If you do need something approaching a 2MB block of memory, you don't need a contiguous range of memory, what you need is a contiguous range of selectors, which is a different (and probably easier) problem to solve.
The memory itself doesn't have to be contiguous.
2MB of 64K segments maps to 32 segments. So you need 32 locations in physical memory capable of storing 64K.
The programming model for addressing that block of memory necessarily includes both segment selectors and offsets. The segment selectors are indices into a segment table that contains the base address of each of the 32 segments. As long as the segment selectors themselves can be allocated contiguously in the segment table, you have enough to be able to compute which segment you need for which address in the 2MB range. It's the indirection through the segments table that maps it to physical addresses that do not need to be contiguous.
Raymond Chen talks a bit about how it worked in Windows 3.x here: https://devblogs.microsoft.com/oldnewthing/20171113-00/?p=97...
Segments aren’t conceptually difficult, either, but definitely could be annoying, and certainly were, if you had to access data structures larger than 64 kB.
As to the differences:
- you had four segment registers that you could ‘point’ anywhere, allowing you to access four 64kB regions of memory without changing them (the equivalent of bank switching) (one always was used for accessing the instruction to run, one for accessing the stack, but you could use those for other purposes, too (Could, not SHould)
- segments can overlap. You could set DS and ES to the same value, for example.
Segments also can be moved at 16-byte granularity. If you wanted, you could have DS address address memory range 0x0000 ≤ x < 0xFFFF and SS address memory range 0x0010 ≤ x < 0x1000F.
Huh?
There were no segmented x86 machines capable of addressing 256MB of RAM, aside from the 386 (maybe).
If you had a 386 and the $130K of memory your statement implies, you probably also could afford a Unix (or something else) license to get to that 32-bit address space. (If you weren't doing it all in memory, then you're having to depending on paging stuff out to disk, implying you either have a real OS or a flat memory model isn't enough to save you since you're manually having to page stuff to disk and back anyway.)
That's a super strange scenario you're describing.
64K of actual text content in a single node could be reached in some documents, but it's not that small, more than a chapter of a typical book.
What was always a problem for segmented memory was graphics, at least if you wanted higher resolution than 320x200 at 256 colors.
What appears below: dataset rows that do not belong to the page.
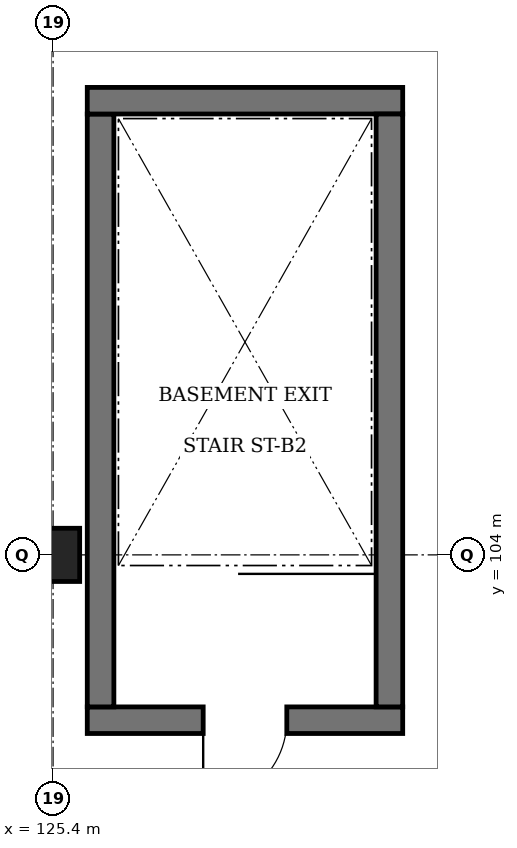
"""IFC4 building model, lengths in metres.
Left out: names, types, materials, properties, quantities, classifications, styles, units other than length and angle.
Written with IfcOpenShell. Run it as: python <this file> out.ifc"""

import sys

from ifc_helpers import new_model, si_unit, direction, frame, frame_2d, origin, origin_2d, place, context, subcontext, project, spatial, rectangle, extrude, element, fill, save


model = new_model("IFC4")
c1 = context("Model", 3, precision=1e-05, world=origin(), true_north=direction((0.0, 1.0)))
c2 = subcontext(c1, "Body", "Model", "MODEL_VIEW")
j1 = project(units=[si_unit("LENGTHUNIT", "METRE"), si_unit("PLANEANGLEUNIT", "RADIAN")], contexts=[c1])
p1 = place(None, origin())
s1 = spatial("IfcSite", under=j1, at=p1, CompositionType="ELEMENT")
p2 = place(p1, origin())
s2 = spatial("IfcBuilding", under=s1, at=p2, CompositionType="ELEMENT")
p3 = place(p2, origin())
s3 = spatial("IfcBuildingStorey", under=s2, at=p3, CompositionType="ELEMENT", Elevation=0.0)
p4 = place(p3, frame((125.4, 104.0, 0.0), z_axis=(0.0, 0.0, 1.0), x_axis=(1.0, 0.0, 0.0)))
e1 = element("IfcColumn", 1, at=p4, inside=s3, PredefinedType="COLUMN", context=c2, shape_type="SweptSolid", body=[
    extrude(rectangle(XDim=0.7, YDim=0.7, at=origin_2d()), origin(), (0.0, 0.0, 1.0), 4.8),
])
p5 = place(p3, frame((130.0, 101.825, 0.0), z_axis=(0.0, 0.0, 1.0), x_axis=(-1.0, 0.0, 0.0)))
e2 = element("IfcWall", 2, at=p5, inside=s3, PredefinedType="SOLIDWALL", context=c2, shape_type="SweptSolid", body=[
    extrude(rectangle(XDim=4.15, YDim=0.35, at=frame_2d((2.075, 0.0))), origin(), (0.0, 0.0, 1.0), 4.54),
])
p6 = place(p5, frame((1.525, 0.0, 0.0)))
e3 = element("IfcOpeningElement", 3, at=p6, cuts=e2, PredefinedType="OPENING", context=c2, shape_type="SweptSolid", body=[
    extrude(rectangle(XDim=1.1, YDim=2.15, at=frame_2d((0.55, 1.075))), frame((0.0, 0.195, 0.0), z_axis=(0.0, -1.0, 0.0), x_axis=(1.0, 0.0, 0.0)), (0.0, 0.0, 1.0), 0.39),
])
p7 = place(p3, frame((126.025, 102.0, 0.0), z_axis=(0.0, 0.0, 1.0), x_axis=(0.0, 1.0, 0.0)))
e4 = element("IfcWall", 4, at=p7, inside=s3, PredefinedType="SOLIDWALL", context=c2, shape_type="SweptSolid", body=[
    extrude(rectangle(XDim=7.8, YDim=0.35, at=frame_2d((3.9, 0.0))), origin(), (0.0, 0.0, 1.0), 4.54),
])
p8 = place(p3, frame((125.85, 109.975, 0.0), z_axis=(0.0, 0.0, 1.0), x_axis=(1.0, 0.0, 0.0)))
e5 = element("IfcWall", 5, at=p8, inside=s3, PredefinedType="SOLIDWALL", context=c2, shape_type="SweptSolid", body=[
    extrude(rectangle(XDim=4.15, YDim=0.35, at=frame_2d((2.075, 0.0))), origin(), (0.0, 0.0, 1.0), 4.54),
])
p9 = place(p3, frame((129.825, 109.8, 0.0), z_axis=(0.0, 0.0, 1.0), x_axis=(0.0, -1.0, 0.0)))
e6 = element("IfcWall", 6, at=p9, inside=s3, PredefinedType="SOLIDWALL", context=c2, shape_type="SweptSolid", body=[
    extrude(rectangle(XDim=7.8, YDim=0.35, at=frame_2d((3.9, 0.0))), origin(), (0.0, 0.0, 1.0), 4.54),
])
p10 = place(p6, origin())
e7 = element("IfcDoor", 7, at=p10, inside=s3, OperationType="SINGLE_SWING_RIGHT", PredefinedType="DOOR", context=c2, shape_type="SweptSolid", body=[
    extrude(rectangle(XDim=1.1, YDim=2.15, at=frame_2d((0.55, 1.075))), frame((0.0, 0.025, 0.0), z_axis=(0.0, -1.0, 0.0), x_axis=(1.0, 0.0, 0.0)), (0.0, 0.0, 1.0), 0.05),
])
fill(e3, e7)
save(model, sys.argv[1])
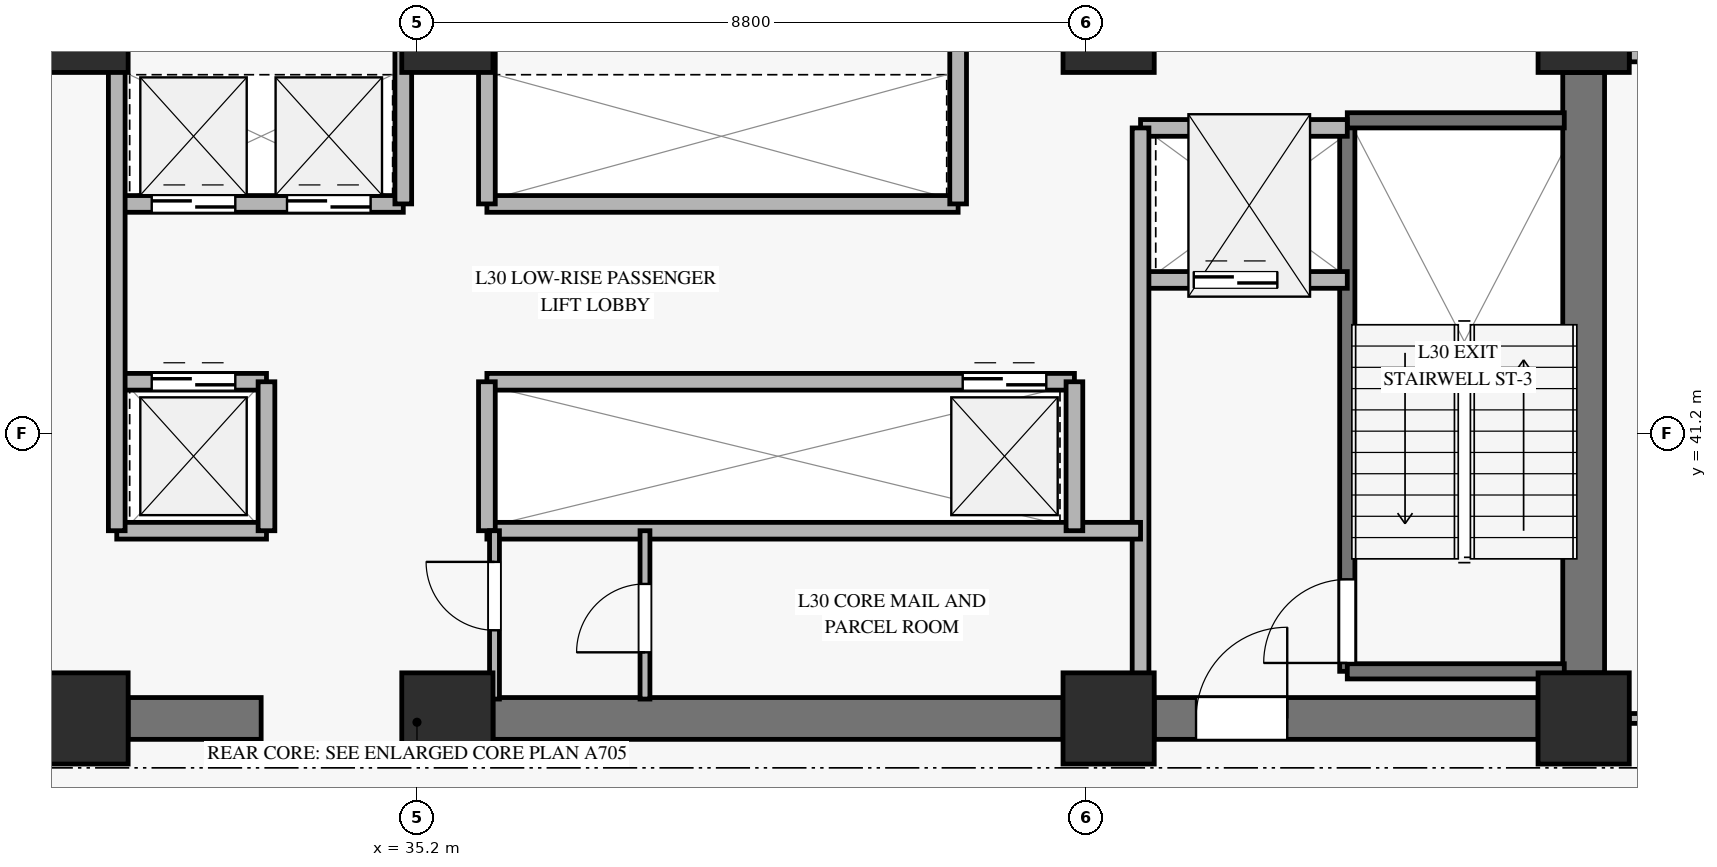
"""IFC4 building model, lengths in metres.
Left out: names, types, materials, properties, quantities, classifications, styles, units other than length and angle.
Written with IfcOpenShell. Run it as: python <this file> out.ifc"""

import sys

from ifc_helpers import new_model, si_unit, direction, frame, frame_2d, origin, origin_2d, place, context, subcontext, project, spatial, rectangle, extrude, source, transform, mapped, element, fill, save


model = new_model("IFC4")
c1 = context("Model", 3, precision=1e-05, world=origin(), true_north=direction((0.0, 1.0)))
c2 = subcontext(c1, "Body", "Model", "MODEL_VIEW")
j1 = project(units=[si_unit("LENGTHUNIT", "METRE"), si_unit("PLANEANGLEUNIT", "RADIAN")], contexts=[c1])
p1 = place(None, origin())
s1 = spatial("IfcSite", under=j1, at=p1, CompositionType="ELEMENT")
p2 = place(p1, origin())
s2 = spatial("IfcBuilding", under=s1, at=p2, CompositionType="ELEMENT")
p3 = place(p2, frame((0.0, 0.0, 123.1)))
s3 = spatial("IfcBuildingStorey", under=s2, at=p3, CompositionType="ELEMENT", Elevation=123.1)
m1 = source(origin(), c2, "Body", "SweptSolid", [
    extrude(rectangle(XDim=1.2, YDim=1.2, at=origin_2d()), origin(), (0.0, 0.0, 1.0), 3.68),
])
for number, where, z_axis, x_axis in (
    (1, (30.8, 37.45, 0.0), (0.0, 0.0, 1.0), (1.0, 0.0, 0.0)),
    (2, (30.8, 46.55, 0.0), (0.0, 0.0, 1.0), (1.0, 0.0, 0.0)),
    (3, (35.6, 37.45, 0.0), (0.0, 0.0, 1.0), (1.0, 0.0, 0.0)),
    (4, (35.6, 46.55, 0.0), (0.0, 0.0, 1.0), (1.0, 0.0, 0.0)),
    (5, (44.3, 37.45, 0.0), (0.0, 0.0, 1.0), (1.0, 0.0, 0.0)),
    (6, (44.3, 46.55, 0.0), (0.0, 0.0, 1.0), (1.0, 0.0, 0.0)),
    (7, (50.55, 37.45, 0.0), (0.0, 0.0, 1.0), (1.0, 0.0, 0.0)),
    (8, (50.55, 46.55, 0.0), (0.0, 0.0, 1.0), (1.0, 0.0, 0.0)),
):
    element("IfcColumn", number, at=place(p3, frame(where, z_axis=z_axis, x_axis=x_axis)), inside=s3, PredefinedType="PILASTER", context=c2, shape_type="MappedRepresentation", body=[
        mapped(m1, transform((0.0, 0.0, 0.0), x_axis=(1.0, 0.0, 0.0), y_axis=(0.0, 1.0, 0.0), z_axis=(0.0, 0.0, 1.0), scale=1.0)),
    ])
p4 = place(p3, frame((31.4, 37.45, 0.0), z_axis=(0.0, 0.0, 1.0), x_axis=(1.0, 0.0, 0.0)))
e9 = element("IfcWall", 9, at=p4, inside=s3, PredefinedType="SHEAR", context=c2, shape_type="SweptSolid", body=[
    extrude(rectangle(XDim=1.75, YDim=0.55, at=frame_2d((0.875, 0.0))), origin(), (0.0, 0.0, 1.0), 3.68),
])
p5 = place(p3, frame((36.2, 37.45, 0.0), z_axis=(0.0, 0.0, 1.0), x_axis=(1.0, 0.0, 0.0)))
e10 = element("IfcWall", 10, at=p5, inside=s3, PredefinedType="SHEAR", context=c2, shape_type="SweptSolid", body=[
    extrude(rectangle(XDim=7.5, YDim=0.55, at=frame_2d((3.75, 0.0))), origin(), (0.0, 0.0, 1.0), 3.68),
])
p6 = place(p3, frame((44.9, 37.45, 0.0), z_axis=(0.0, 0.0, 1.0), x_axis=(1.0, 0.0, 0.0)))
e11 = element("IfcWall", 11, at=p6, inside=s3, PredefinedType="SHEAR", context=c2, shape_type="SweptSolid", body=[
    extrude(rectangle(XDim=5.05, YDim=0.55, at=frame_2d((2.525, 0.0))), origin(), (0.0, 0.0, 1.0), 3.68),
])
p7 = place(p6, frame((0.55, 0.0, 0.0)))
e12 = element("IfcOpeningElement", 12, at=p7, cuts=e11, PredefinedType="OPENING", context=c2, shape_type="SweptSolid", body=[
    extrude(rectangle(XDim=1.2, YDim=2.15, at=frame_2d((0.6, 1.075))), frame((0.0, 0.285, 0.0), z_axis=(0.0, -1.0, 0.0), x_axis=(1.0, 0.0, 0.0)), (0.0, 0.0, 1.0), 0.57),
])
p8 = place(p3, frame((50.55, 38.05, 0.0), z_axis=(0.0, 0.0, 1.0), x_axis=(0.0, 1.0, 0.0)))
e13 = element("IfcWall", 13, at=p8, inside=s3, PredefinedType="SHEAR", context=c2, shape_type="SweptSolid", body=[
    extrude(rectangle(XDim=7.9, YDim=0.55, at=frame_2d((3.95, 0.0))), origin(), (0.0, 0.0, 1.0), 3.68),
])
p9 = place(p3, frame((51.15, 46.25, 0.0), z_axis=(0.0, 0.0, 1.0), x_axis=(1.0, 0.0, 0.0)))
e14 = element("IfcWall", 14, at=p9, inside=s3, PredefinedType="SOLIDWALL", context=c2, shape_type="SweptSolid", body=[
    extrude(rectangle(XDim=10.83, YDim=0.32, at=frame_2d((5.415, 0.0))), origin(), (0.0, 0.0, 1.0), 3.16),
])
p10 = place(p9, frame((4.615, 0.0, 0.45)))
e15 = element("IfcOpeningElement", 15, at=p10, cuts=e14, PredefinedType="OPENING", context=c2, shape_type="SweptSolid", body=[
    extrude(rectangle(XDim=1.6, YDim=2.0, at=frame_2d((0.8, 1.0))), frame((0.0, 0.17, 0.0), z_axis=(0.0, -1.0, 0.0), x_axis=(1.0, 0.0, 0.0)), (0.0, 0.0, 1.0), 0.34),
])
p11 = place(p3, frame((47.44, 38.07, 0.0), z_axis=(0.0, 0.0, 1.0), x_axis=(0.0, 1.0, 0.0)))
e16 = element("IfcWall", 16, at=p11, inside=s3, PredefinedType="SOLIDWALL", context=c2, shape_type="SweptSolid", body=[
    extrude(rectangle(XDim=7.25, YDim=0.2, at=frame_2d((3.625, 0.0))), origin(), (0.0, 0.0, 1.0), 3.9),
])
p12 = place(p11, frame((0.11, 0.0, 0.0)))
e17 = element("IfcOpeningElement", 17, at=p12, cuts=e16, PredefinedType="OPENING", context=c2, shape_type="SweptSolid", body=[
    extrude(rectangle(XDim=1.1, YDim=2.15, at=frame_2d((0.55, 1.075))), frame((0.0, 0.11, 0.0), z_axis=(0.0, -1.0, 0.0), x_axis=(1.0, 0.0, 0.0)), (0.0, 0.0, 1.0), 0.22),
])
for number, where, z_axis, x_axis in (
    (18, (47.44, 45.32, 0.0), (0.0, 0.0, 1.0), (1.0, 0.0, 0.0)),
    (19, (47.44, 38.07, 0.0), (0.0, 0.0, 1.0), (1.0, 0.0, 0.0)),
):
    element("IfcWall", number, at=place(p3, frame(where, z_axis=z_axis, x_axis=x_axis)), inside=s3, PredefinedType="SOLIDWALL", context=c2, shape_type="SweptSolid", body=[
        extrude(rectangle(XDim=2.855, YDim=0.2, at=frame_2d((1.427, 0.0))), origin(), (0.0, 0.0, 1.0), 3.9),
    ])
p13 = place(p3, frame((44.72, 43.22, 0.0), z_axis=(0.0, 0.0, 1.0), x_axis=(1.0, 0.0, 0.0)))
e20 = element("IfcWall", 20, at=p13, inside=s3, PredefinedType="SOLIDWALL", context=c2, shape_type="SweptSolid", body=[
    extrude(rectangle(XDim=2.72, YDim=0.22, at=frame_2d((1.36, 0.0))), origin(), (0.0, 0.0, 1.0), 3.68),
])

But you could have a segment pointer to each row of pixels instead of an entire image, as long as it would still fit within 1 MB (16 MB in the 286 protected mode).
Imagine if you could have done something like this:
add si, some-delta
adsc es, 0
in order to move a seg:ofs ptr forward by 'some-delta' bytes.ADSC (add with segment carry) would do:
segreg := segreg + imm + 1000h (if carry)
or: segreg := segreg + imm (no carry)
Maybe there should also have been an instruction to normalize a seg:ofs ptr (so the new offset was in the 0-15 range).ADSC could have been adapted for the 286 with ease, as long as a specific layout of the segment descriptor tables was mandated (probably with 10h instead of 1000h in protected mode).
Edited slightly for clarity (ofs => imm). A normalizing instruction would be harder to do right for the 286 because you don't want to spend too many slots in the descriptor table(s) for a single memory object.
Segmented memory (on hardware that supported segment permissions) was used to good effect in Multics as well.
It was just a hack. Hack to delay migration to 32 bit architecture. Effective one, but hack nonetheless
No, it wasn't
It's the "great idea" that sounds great 5 min in and horrible 10min afterwards
You know, kinda like using null as a string end character
But more importantly it kept the x86 world for too long in that dead end that was 8086 mode programming
"Oh if developers would just..." They won't. They haven't. And they will not ever.
In hindsight maybe a binary level translator from 8080 to 8086 would have worked better (and be simple enough)
> But more importantly it kept the x86 world for too long in that dead end that was 8086 mode programming > > "Oh if developers would just..." They won't. They haven't. And they will not ever.
8086 real mode programming in the mainstream lasted from 1981 until 1991 or so. The last 35 years have 32-bit (and later 64-bit) flat model addressing with pages for the most part. Seems like a reasonable transition period, really.
> In hindsight maybe a binary level translator from 8080 to 8086 would have worked better (and be simple enough)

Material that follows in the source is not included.